"Fab By Example" Data-Driven Manufacturing Method for DIY Designs at Home

Even as 3D printing is poised to help democratize manufacturing, it's often overlooked that many 3D-printed items are far too complicated for users to digitally design. Now, researchers at MIT's Computer Science and Artificial Intelligence Lab (CSAIL) have developed 'Fab By Example,' the first data-driven method to help people design products, with a growing database of templates that allow users to customize thousands of complex items, such as cabinets, jungle gyms, and go-carts. "When we design things on a computer, the question arises of how to manufacture them in the real world with the necessary physical parts - wood, glass, screws, hinges, bolts, and all," says project lead Adriana Schulz. 'For casual users, creating such a detailed model is not just time-consuming, but it's actually more or less impossible unless you know something about mechanical engineering.' Where previous do-it-yourself design databases have required an advanced degree, or at least expertise in computer-assisted design (CAD) software, the team says that now even someone with simple computer skills can make a own customizable item.

Transcript

00:00:00 Real-world objects are fairly complicated. Often, their virtual representations are greatly simplified. When we compare this table model from Google Warehouse to its real-world counterpart, we immediately notice that many details are missing. These details are what make designing fabricable objects very difficult for casual users. In this work, we present a modeling tool

00:00:25 that leverages information from a collection of fabricable designs, in order to enable casual users to model and build real-world objects. To allow structure-preserving manipulations, we automatically convert the designs in our collection to hierarchical parameterized templates. Our template model takes into account global relationships, such as symmetries and articulation consistencies. It is also not restricted to fixed topologies, allowing

00:00:49 irregular patterns to be rescaled. Notice how the number and position of connectors changes, as the template parameters vary. Our modeling tool is based on template manipulation and composition. We allow users to explore the space of template variations using different levels of the template hierarchy. During manipulation, active elements of the hierarchy

00:01:12 are shown in full color, while other elements are semitransparent. Once a part is positioned, the user invokes a method that brings in connecting elements to the design, by exploring the template database. Notice how for our a wooden tabletop, corner brackets are automatically brought in to connect the top to the legs. While, for a glass stop, a whole support structure for the glass is automatically added.

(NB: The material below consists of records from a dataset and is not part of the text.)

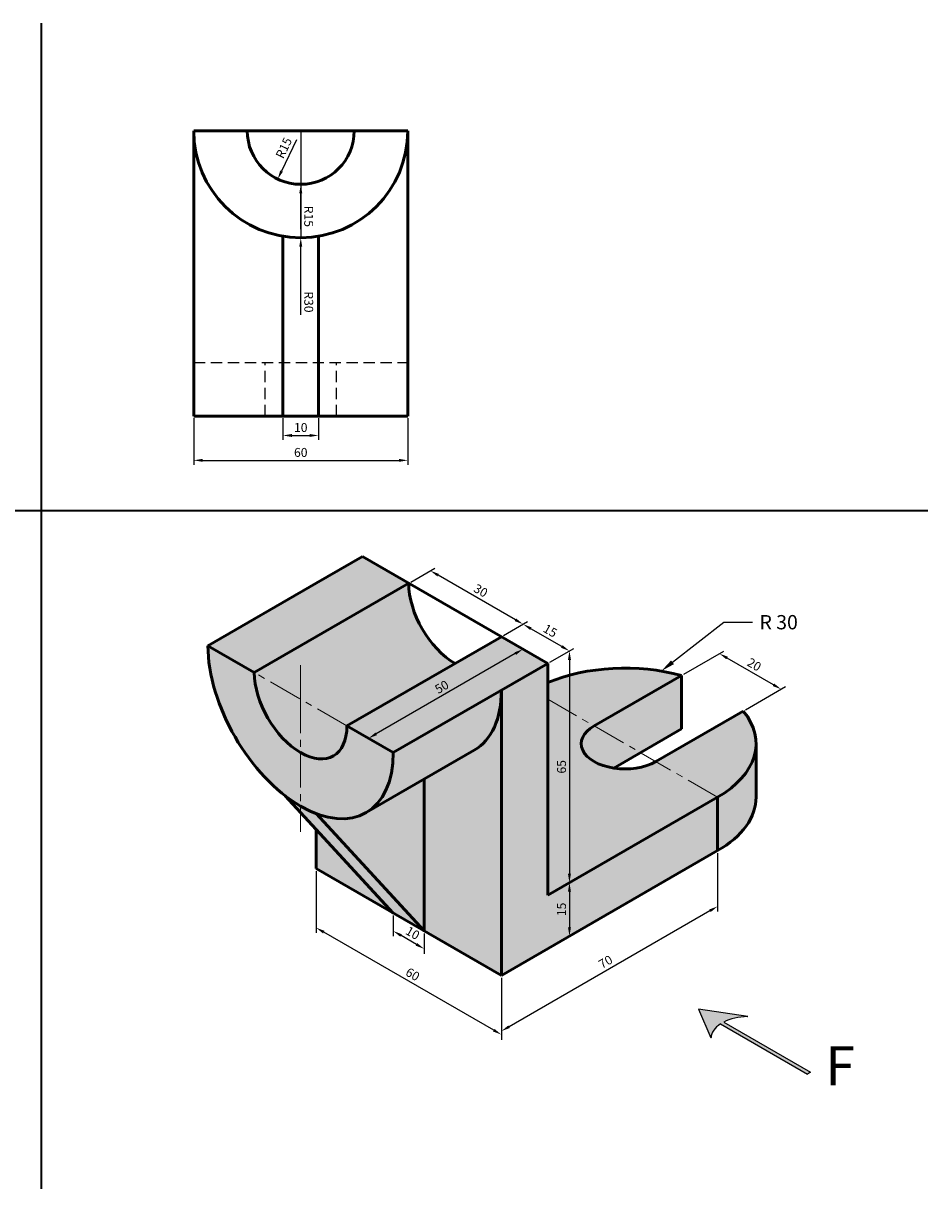
# Model space of a CAD drawing. Units: millimetres. Extents: x 2100 to 2598, y 2059 to 2386.
# Tile 1 of 1: x 2345 to 2598.5, y 2059.2 to 2386.1. Entities that reach past the tile are written whole.
import ezdxf
from ezdxf import colors
from ezdxf.entities.mleader import LeaderData, LeaderLine
from ezdxf.math import Vec2, Vec3

# ---------------------------------------------------------------- set-up
doc = ezdxf.new("R2010")
doc.units = ezdxf.units.MM
doc.linetypes.add('CENTER', pattern=[50.800000000000004, 31.75, -6.349999999999999, 6.349999999999999, -6.349999999999999])
doc.linetypes.add('HIDDEN', pattern=[9.524999999999999, 6.349999999999999, -3.174999999999999])
for name, color, linetype, lineweight in [('M-CNTR', 1, 'CENTER', 18), ('M-DIMS', 2, 'Continuous', 25), ('M-HATC', 8, 'Continuous', 18), ('M-HIDN', 4, 'HIDDEN', 25), ('M-OUTL', 7, 'Continuous', 50), ('M-SYMB', 3, 'Continuous', 25), ('M-TEXT', 3, 'Continuous', 25), ('M-TTLB', 7, 'Continuous', 35)]:
    doc.layers.add(name, color=color, linetype=linetype, lineweight=lineweight)
doc.styles.get("Standard").update_dxf_attribs({"font": 'arial.ttf'})
doc.dimstyles.new('ISO-25', dxfattribs={"dimtxt": 2.5, "dimasz": 2.5, "dimexe": 1.25, "dimexo": 0.625, "dimtad": 1, "dimtxsty": 'Standard', "dimcen": 2.5, "dimadec": 0, "dimazin": 0, "dimtfac": 1, "dimtmove": 0, "dimatfit": 3, "dimfxl": 1, "dimarcsym": 0})

# ---------------------------------------------------------------- blocks, each defined once
blk = doc.blocks.new('*D1')
at = {"layer": 'Defpoints', "color": 0, "transparency": 16777216}
for p in [(2539.605304126091, 2154.015574950749), (2478.98352586118, 2119.015574950749), (2478.98352586118, 2103.385647397557)]:
    blk.add_point(p, dxfattribs=at)
at = {"layer": 'M-DIMS', "color": 0, "lineweight": -2, "transparency": 16777216}
for p, q in [((2539.605304126091, 2153.293887114262), (2539.605304126091, 2136.942271724583)), ((2537.44024061663, 2137.135647397557), (2481.148589370641, 2104.635647397557)), ((2478.98352586118, 2118.293887114262), (2478.98352586118, 2101.942271724583))]:
    blk.add_line(p, q, dxfattribs=at)
at = {"layer": 'M-DIMS', "color": 0, "transparency": 16777216}
for points in [[(2537.231907283296, 2137.4964913158), (2537.648573949963, 2136.774803479313), (2539.605304126091, 2138.385647397557)], [(2480.940256037307, 2104.9964913158), (2481.356922703974, 2104.274803479313), (2478.98352586118, 2103.385647397557)]]:
    blk.add_solid(points, dxfattribs=at)
at = {"layer": 'M-DIMS', "color": 0, "transparency": 16777216, "insert": (2508.343698758983, 2122.532336219554), "char_height": 2.5, "attachment_point": 5, "rotation": 30.000000000000068}
blk.add_mtext('70', dxfattribs=at)
blk = doc.blocks.new('*D2')
at = {"layer": 'Defpoints', "color": 0, "transparency": 16777216}
for p in [(2427.022001634114, 2149.01557495075), (2427.022001634114, 2132.403009386933), (2478.98352586118, 2119.015574950749)]:
    blk.add_point(p, dxfattribs=at)
at = {"layer": 'M-DIMS', "color": 0, "lineweight": -2, "transparency": 16777216}
for p, q in [((2427.022001634114, 2148.293887114263), (2427.022001634114, 2130.959633713958)), ((2476.818462351719, 2103.653009386933), (2429.187065143575, 2131.153009386932)), ((2478.98352586118, 2118.293887114262), (2478.98352586118, 2100.959633713959))]:
    blk.add_line(p, q, dxfattribs=at)
at = {"layer": 'M-DIMS', "color": 0, "transparency": 16777216}
for points in [[(2429.395398476908, 2131.513853305176), (2428.978731810242, 2130.79216546869), (2427.022001634114, 2132.403009386933)], [(2477.026795685052, 2104.013853305176), (2476.610129018386, 2103.29216546869), (2478.98352586118, 2102.403009386933)]]:
    blk.add_solid(points, dxfattribs=at)
at = {"layer": 'M-DIMS', "color": 0, "transparency": 16777216, "insert": (2453.953479982299, 2119.049698208931), "char_height": 2.5, "attachment_point": 5, "rotation": 330.0000000000001}
blk.add_mtext('60', dxfattribs=at)
blk = doc.blocks.new('*D3')
at = {"layer": 'Defpoints', "color": 0, "transparency": 16777216}
for p in [(2448.672636728725, 2136.515574950749), (2448.672636728725, 2131.469743862794), (2457.332890766569, 2131.515574950749)]:
    blk.add_point(p, dxfattribs=at)
at = {"layer": 'M-DIMS', "color": 0, "lineweight": -2, "transparency": 16777216}
for p, q in [((2448.672636728725, 2135.793887114262), (2448.672636728725, 2130.026368189821)), ((2455.167827257108, 2127.719743862795), (2450.837700238186, 2130.219743862795)), ((2457.332890766569, 2130.793887114263), (2457.332890766569, 2125.026368189821))]:
    blk.add_line(p, q, dxfattribs=at)
at = {"layer": 'M-DIMS', "color": 0, "transparency": 16777216}
for points in [[(2451.046033571519, 2130.580587781038), (2450.629366904853, 2129.858899944551), (2448.672636728725, 2131.469743862794)], [(2455.376160590442, 2128.080587781038), (2454.959493923775, 2127.358899944551), (2457.332890766569, 2126.469743862795)]]:
    blk.add_solid(points, dxfattribs=at)
at = {"layer": 'M-DIMS', "color": 0, "transparency": 16777216, "insert": (2453.953479982299, 2130.616432684793), "char_height": 2.5, "attachment_point": 5, "rotation": 330.0000000000001}
blk.add_mtext('10', dxfattribs=at)
blk = doc.blocks.new('*D4')
at = {"layer": 'Defpoints', "color": 0, "transparency": 16777216}
for p in [(2491.973906917947, 2206.515574950749), (2441.723938290984, 2185.527407864297), (2448.672636728725, 2181.515574950749)]:
    blk.add_point(p, dxfattribs=at)
at = {"layer": 'M-DIMS', "color": 0, "lineweight": -2, "transparency": 16777216}
for p, q in [((2491.348906917947, 2206.876418868993), (2483.775208480207, 2211.249095700784)), ((2482.860144970745, 2209.277407864297), (2443.889001800445, 2186.777407864297)), ((2448.047636728726, 2181.876418868993), (2440.473938290984, 2186.249095700784))]:
    blk.add_line(p, q, dxfattribs=at)
at = {"layer": 'M-DIMS', "color": 0, "transparency": 16777216}
for points in [[(2482.651811637412, 2209.638251782541), (2483.068478304079, 2208.916563946054), (2485.025208480207, 2210.527407864297)], [(2443.680668467112, 2187.138251782541), (2444.097335133779, 2186.416563946053), (2441.723938290984, 2185.527407864297)]]:
    blk.add_solid(points, dxfattribs=at)
at = {"layer": 'M-DIMS', "color": 0, "transparency": 16777216, "insert": (2462.423857150943, 2199.674096686295), "char_height": 2.5, "attachment_point": 5, "rotation": 29.999999999999872}
blk.add_mtext('50', dxfattribs=at)
blk = doc.blocks.new('*D5')
at = {"layer": 'Defpoints', "color": 0, "transparency": 16777216}
for p in [(2485.074026823124, 2217.531927320627), (2478.98352586118, 2214.015574950749), (2491.973906917947, 2206.515574950749)]:
    blk.add_point(p, dxfattribs=at)
at = {"layer": 'M-DIMS', "color": 0, "lineweight": -2, "transparency": 16777216}
for p, q in [((2479.608525861181, 2214.376418868993), (2486.324026823124, 2218.253615157115)), ((2495.89934437043, 2211.281927320627), (2487.239090332585, 2216.281927320627)), ((2492.598906917947, 2206.876418868993), (2499.314407879891, 2210.753615157114))]:
    blk.add_line(p, q, dxfattribs=at)
at = {"layer": 'M-DIMS', "color": 0, "transparency": 16777216}
for points in [[(2487.447423665918, 2216.642771238871), (2487.030756999252, 2215.921083402384), (2485.074026823124, 2217.531927320627)], [(2496.107677703763, 2211.642771238871), (2495.691011037096, 2210.921083402384), (2498.064407879891, 2210.031927320627)]]:
    blk.add_solid(points, dxfattribs=at)
at = {"layer": 'M-DIMS', "color": 0, "transparency": 16777216, "insert": (2492.519933586159, 2215.428616142625), "char_height": 2.5, "attachment_point": 5, "rotation": 330.0000000000001}
blk.add_mtext('15', dxfattribs=at)
blk = doc.blocks.new('*D6')
at = {"layer": 'Defpoints', "color": 0, "transparency": 16777216}
for p in [(2491.973906917948, 2206.515574950751), (2498.064407879893, 2145.031927320629), (2491.973906917948, 2141.51557495075)]:
    blk.add_point(p, dxfattribs=at)
at = {"layer": 'M-DIMS', "color": 0, "lineweight": -2, "transparency": 16777216}
for p, q in [((2492.598906917948, 2206.876418868994), (2499.314407879893, 2210.753615157116)), ((2498.064407879893, 2207.531927320629), (2498.064407879893, 2147.531927320629)), ((2492.598906917948, 2141.876418868994), (2499.314407879893, 2145.753615157116))]:
    blk.add_line(p, q, dxfattribs=at)
at = {"layer": 'M-DIMS', "color": 0, "transparency": 16777216}
for points in [[(2497.647741213226, 2207.531927320629), (2498.481074546559, 2207.531927320629), (2498.064407879893, 2210.031927320629)], [(2497.647741213226, 2147.531927320629), (2498.481074546559, 2147.531927320629), (2498.064407879893, 2145.031927320629)]]:
    blk.add_solid(points, dxfattribs=at)
at = {"layer": 'M-DIMS', "color": 0, "transparency": 16777216, "insert": (2496.162975410588, 2177.531927320628), "char_height": 2.5, "attachment_point": 5, "rotation": 90}
blk.add_mtext('65', dxfattribs=at)
blk = doc.blocks.new('*D7')
at = {"layer": 'Defpoints', "color": 0, "transparency": 16777216}
for p in [(2459.093264709591, 2232.531927320627), (2453.002763747647, 2229.01557495075), (2478.98352586118, 2214.015574950749)]:
    blk.add_point(p, dxfattribs=at)
at = {"layer": 'M-DIMS', "color": 0, "lineweight": -2, "transparency": 16777216}
for p, q in [((2453.627763747647, 2229.376418868993), (2460.343264709591, 2233.253615157114)), ((2482.908963313662, 2218.781927320627), (2461.258328219052, 2231.281927320627)), ((2479.608525861181, 2214.376418868993), (2486.324026823123, 2218.253615157115))]:
    blk.add_line(p, q, dxfattribs=at)
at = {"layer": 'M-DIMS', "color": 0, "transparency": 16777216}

00:01:34 We incorporate in our system a stability analysis evaluation that warns the user if the design model is unstable. We illustrate a full modeling session. For composition, we first assist the users by snapping drag components onto the working model. The user can continue to reposition and rescale the model, until she is satisfied with the snap configuration. The output of our system is a comprehensive bill

00:02:01 of materials that can be directly used for fabrication. Here are some additional results. One of the main advantages of using a data-driven approach is its generality. Notice how the same method that creates tables and cabinets can also be used on go-karts.